KF
The medication that I was on made me a completely different person than I normally was. Generally I was shy, and had a hard time coming up with things to say to continue a conversation. On the medication, I was extremely outgoing, without any hesitation and walking up to complete strangers and striking up a conversation. Words just flowed out of my mouth, smoothly, un-pausing, like the flow of a river.
I was hanging out with a buddy one night trying to find some entertainment. He used my cell phone to try to call a female friend of his to see what she was up to with her friends, but no answer.
The next day she called my cell phone back. The river started flowing and even though my buddy was not with me, I talked her into meeting up with me and grabbing some dinner that night.
Only a few short months after what happened between Janae and I, there was no way I was in the right mindset to get into a relationship of any sort, but along with being outgoing my medication made me careless. She was younger, and I was messed up in the head.
Kathryn and I started dating pretty quickly. I was in the habit of telling the person that I was dating that I loved them. I threw it out there without really even thinking about it, and she knew.
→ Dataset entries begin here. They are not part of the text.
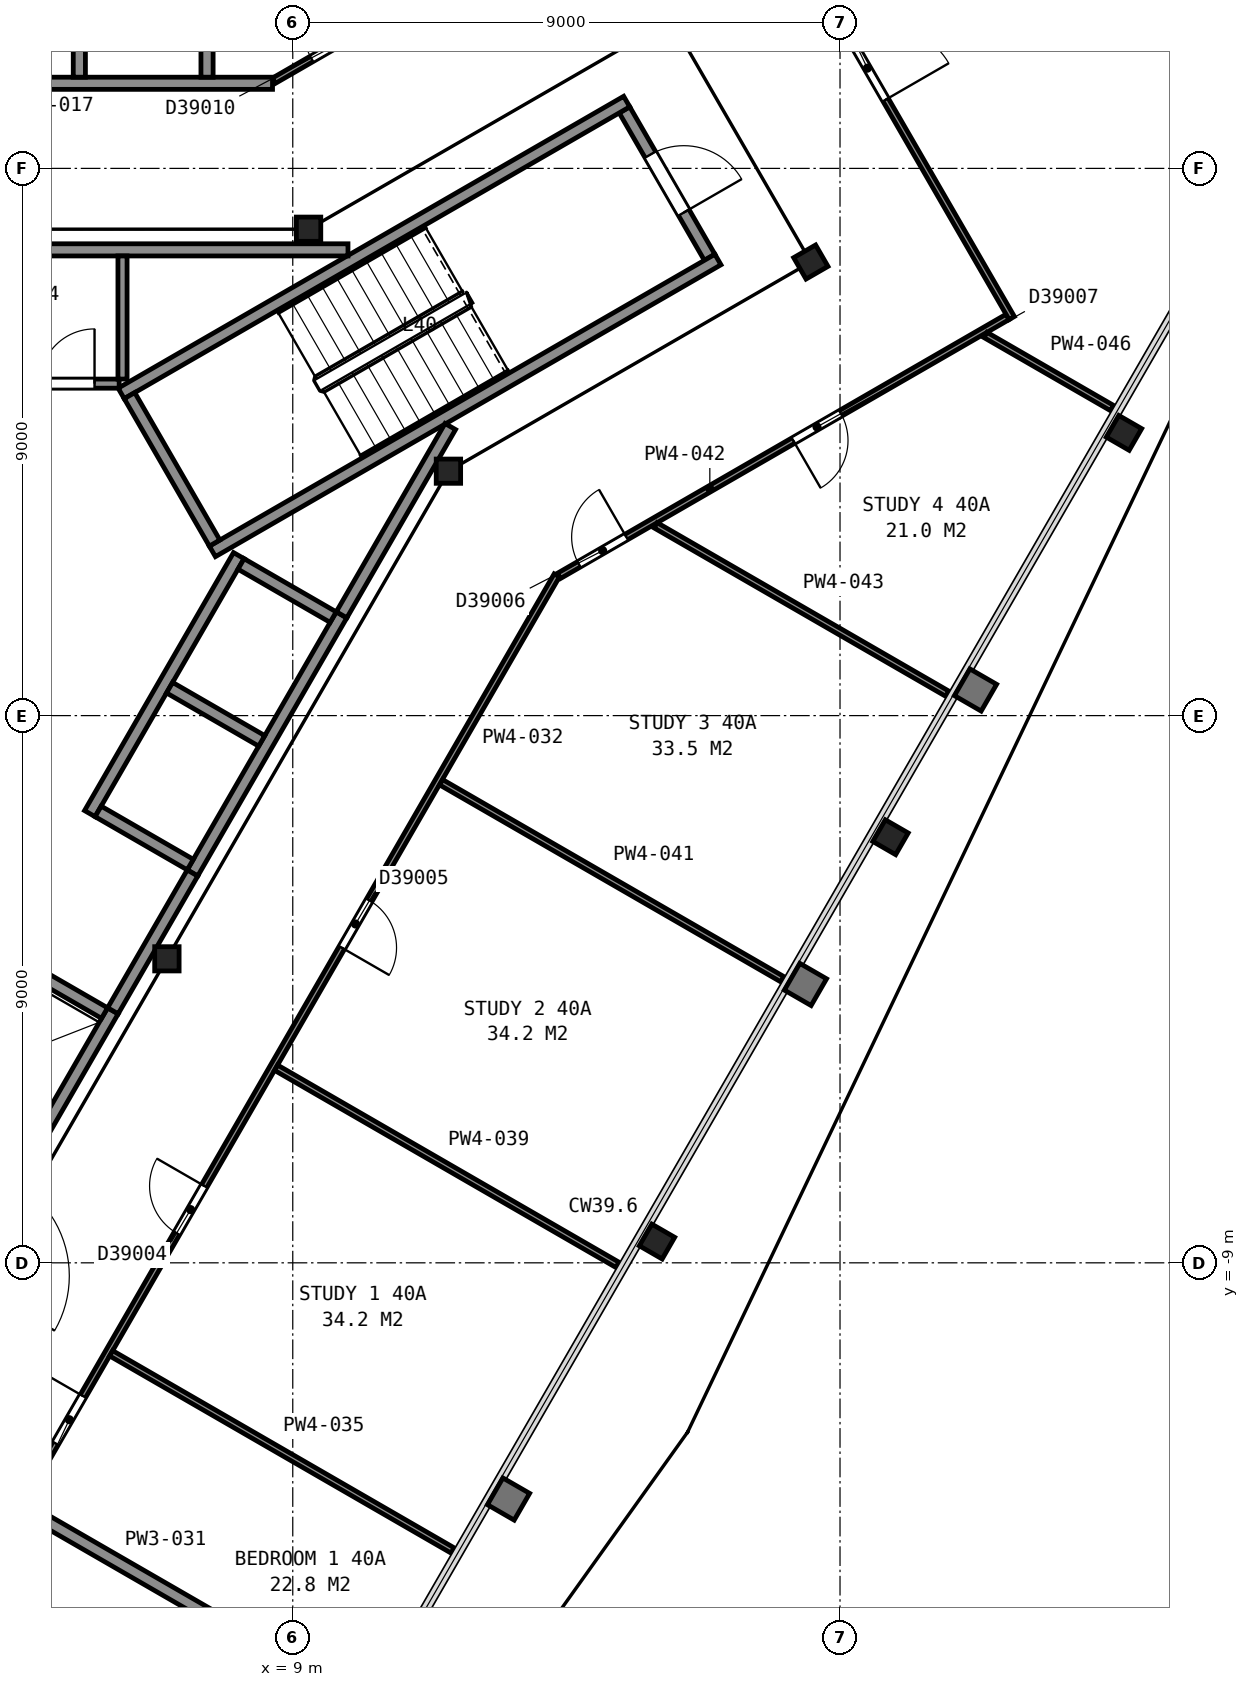
"""IFC4 building model, lengths in metres.
Left out: names, types, materials, properties, quantities, classifications, styles, units other than length and angle.
Written with IfcOpenShell. Run it as: python <this file> out.ifc"""

import sys

from ifc_helpers import new_model, si_unit, direction, frame, frame_2d, origin, origin_2d, place, context, subcontext, project, spatial, rectangle, i_section, extrude, element, fill, save


model = new_model("IFC4")
c1 = context("Model", 3, precision=1e-05, world=origin(), true_north=direction((0.0, 1.0)))
c2 = subcontext(c1, "Body", "Model", "MODEL_VIEW")
j1 = project(units=[si_unit("LENGTHUNIT", "METRE"), si_unit("PLANEANGLEUNIT", "RADIAN")], contexts=[c1])
p1 = place(None, origin())
s1 = spatial("IfcSite", under=j1, at=p1, CompositionType="ELEMENT")
p2 = place(p1, origin())
s2 = spatial("IfcBuilding", under=s1, at=p2, CompositionType="ELEMENT")
p3 = place(p2, frame((0.0, 0.0, 163.6)))
s3 = spatial("IfcBuildingStorey", under=s2, at=p3, CompositionType="ELEMENT", Elevation=163.6)
for number, where, z_axis, x_axis in (
    (1, (14.99, -8.65, 0.0), (0.0, 0.0, 1.0), (-0.5, -0.866, 0.0)),
    (2, (18.83, -2.0, 0.0), (0.0, 0.0, 1.0), (-0.5, -0.866, 0.0)),
    (3, (22.67, 4.65, 0.0), (0.0, 0.0, 1.0), (-0.5, -0.866, 0.0)),
):
    element("IfcColumn", number, at=place(p3, frame(where, z_axis=z_axis, x_axis=x_axis)), inside=s3, PredefinedType="COLUMN", context=c2, shape_type="SweptSolid", body=[
        extrude(i_section(OverallWidth=0.411, OverallDepth=0.434, WebThickness=0.036, FlangeThickness=0.057, FilletRadius=0.015, at=origin_2d()), origin(), (0.0, 0.0, 1.0), 3.7),
    ])
p4 = place(p3, frame((11.56, 4.02, 0.0), z_axis=(0.0, 0.0, 1.0), x_axis=(1.0, 0.0, 0.0)))
e4 = element("IfcColumn", 4, at=p4, inside=s3, PredefinedType="COLUMN", context=c2, shape_type="SweptSolid", body=[
    extrude(i_section(OverallWidth=0.401, OverallDepth=0.399, WebThickness=0.025, FlangeThickness=0.04, FilletRadius=0.015, at=origin_2d()), origin(), (0.0, 0.0, 1.0), 3.7),
])
p5 = place(p3, frame((17.52, 7.46, 0.0), z_axis=(0.0, 0.0, 1.0), x_axis=(0.5, -0.866025403784, 0.0)))
e5 = element("IfcColumn", 5, at=p5, inside=s3, PredefinedType="COLUMN", context=c2, shape_type="SweptSolid", body=[
    extrude(i_section(OverallWidth=0.406, OverallDepth=0.417, WebThickness=0.03, FlangeThickness=0.048, FilletRadius=0.015, at=origin_2d()), origin(), (0.0, 0.0, 1.0), 3.7),
])
for number, where, z_axis, x_axis in (
    (6, (9.26, 8.0, 0.0), (0.0, 0.0, 1.0), (1.0, 0.0, 0.0)),
    (7, (6.93, -4.0, 0.0), (0.0, 0.0, 1.0), (1.0, 0.0, 0.0)),
):
    element("IfcColumn", number, at=place(p3, frame(where, z_axis=z_axis, x_axis=x_axis)), inside=s3, PredefinedType="COLUMN", context=c2, shape_type="SweptSolid", body=[
        extrude(i_section(OverallWidth=0.401, OverallDepth=0.399, WebThickness=0.025, FlangeThickness=0.04, FilletRadius=0.015, at=origin_2d()), origin(), (0.0, 0.0, 1.0), 3.7),
    ])
p6 = place(p3, frame((15.855, 7.538, 0.0), z_axis=(0.0, 0.0, 1.0), x_axis=(-0.500049511043, 0.865996816683, 0.0)))
e8 = element("IfcWall", 8, at=p6, inside=s3, PredefinedType="PARTITIONING", context=c2, shape_type="SweptSolid", body=[
    extrude(rectangle(XDim=2.8, YDim=0.2, at=frame_2d((1.4, 0.0))), origin(), (0.0, 0.0, 1.0), 3.45),
])
p7 = place(p6, frame((0.85, 0.0, 0.0)))
e9 = element("IfcOpeningElement", 9, at=p7, cuts=e8, PredefinedType="OPENING", context=c2, shape_type="SweptSolid", body=[
    extrude(rectangle(XDim=1.1, YDim=2.1, at=frame_2d((0.55, 1.05))), frame((0.0, 0.11, 0.0), z_axis=(0.0, -1.0, 0.0), x_axis=(1.0, 0.0, 0.0)), (0.0, 0.0, 1.0), 0.22),
])
for number, where, z_axis, x_axis in (
    (10, (6.178, 5.299, 0.0), (0.0, 0.0, 1.0), (0.866, 0.5, 0.0)),
    (11, (7.678, 2.701, 0.0), (0.0, 0.0, 1.0), (0.866, 0.5, 0.0)),
):
    element("IfcWall", number, at=place(p3, frame(where, z_axis=z_axis, x_axis=x_axis)), inside=s3, PredefinedType="PARTITIONING", context=c2, shape_type="SweptSolid", body=[
        extrude(rectangle(XDim=9.6, YDim=0.2, at=frame_2d((4.8, 0.0))), origin(), (0.0, 0.0, 1.0), 3.45),
    ])
p8 = place(p3, frame((7.715, 2.838, 0.0), z_axis=(0.0, 0.0, 1.0), x_axis=(-0.500049511043, 0.865996816683, 0.0)))
e12 = element("IfcWall", 12, at=p8, inside=s3, PredefinedType="PARTITIONING", context=c2, shape_type="SweptSolid", body=[
    extrude(rectangle(XDim=2.8, YDim=0.2, at=frame_2d((1.4, 0.0))), origin(), (0.0, 0.0, 1.0), 3.45),
])
p9 = place(p3, frame((4.766, -7.065, 0.0), z_axis=(0.0, 0.0, 1.0), x_axis=(0.499948979701, 0.866054858364, 0.0)))
e13 = element("IfcWall", 13, at=p9, inside=s3, PredefinedType="PARTITIONING", context=c2, shape_type="SweptSolid", body=[
    extrude(rectangle(XDim=2.55, YDim=0.2, at=frame_2d((1.275, 0.0))), origin(), (0.0, 0.0, 1.0), 3.7),
])
p10 = place(p3, frame((7.351, -2.587, 0.0), z_axis=(0.0, 0.0, 1.0), x_axis=(0.500002801628, 0.866023786258, 0.0)))
e14 = element("IfcWall", 14, at=p10, inside=s3, PredefinedType="PARTITIONING", context=c2, shape_type="SweptSolid", body=[
    extrude(rectangle(XDim=4.9, YDim=0.2, at=frame_2d((2.45, 0.0))), origin(), (0.0, 0.0, 1.0), 3.7),
])
p11 = place(p3, frame((5.663, -1.612, 0.0), z_axis=(0.0, 0.0, 1.0), x_axis=(0.49998122708, 0.866036242063, 0.0)))
e15 = element("IfcWall", 15, at=p11, inside=s3, PredefinedType="PARTITIONING", context=c2, shape_type="SweptSolid", body=[
    extrude(rectangle(XDim=4.9, YDim=0.2, at=frame_2d((2.45, 0.0))), origin(), (0.0, 0.0, 1.0), 3.7),
])
p12 = place(p3, frame((9.665, 1.62, 0.0), z_axis=(0.0, 0.0, 1.0), x_axis=(-0.866002029911, 0.500040482552, 0.0)))
e16 = element("IfcWall", 16, at=p12, inside=s3, PredefinedType="PARTITIONING", context=c2, shape_type="SweptSolid", body=[
    extrude(rectangle(XDim=1.75, YDim=0.2, at=frame_2d((0.875, 0.0))), origin(), (0.0, 0.0, 1.0), 3.7),
])
for number, where, z_axis, x_axis in (
    (17, (8.49, -0.416, 0.0), (0.0, 0.0, 1.0), (-0.866, 0.5, 0.0)),
    (18, (7.315, -2.451, 0.0), (0.0, 0.0, 1.0), (-0.866, 0.5, 0.0)),
):
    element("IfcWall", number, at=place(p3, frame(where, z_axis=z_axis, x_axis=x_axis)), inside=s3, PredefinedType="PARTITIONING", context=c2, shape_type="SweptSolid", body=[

She called me out on it in fact, saying that I didn't really love her and that it was out of habit that I said it. She was right, but I continued on with it.
We didn't date very long. Only a couple months. I was working two jobs, and starting to get really busy. I got so busy in fact that I started missing my doctors appointments and could no longer get my medication refilled. When I ran out I reverted by to my old self. The person that I hated. It didn't take long for her to realize the change in me. She broke up with me citing specifically that "I wasn't the same person anymore."
Despite her age, she was very wise. I was no good for her, she thankfully caught on to it quickly and cut it off.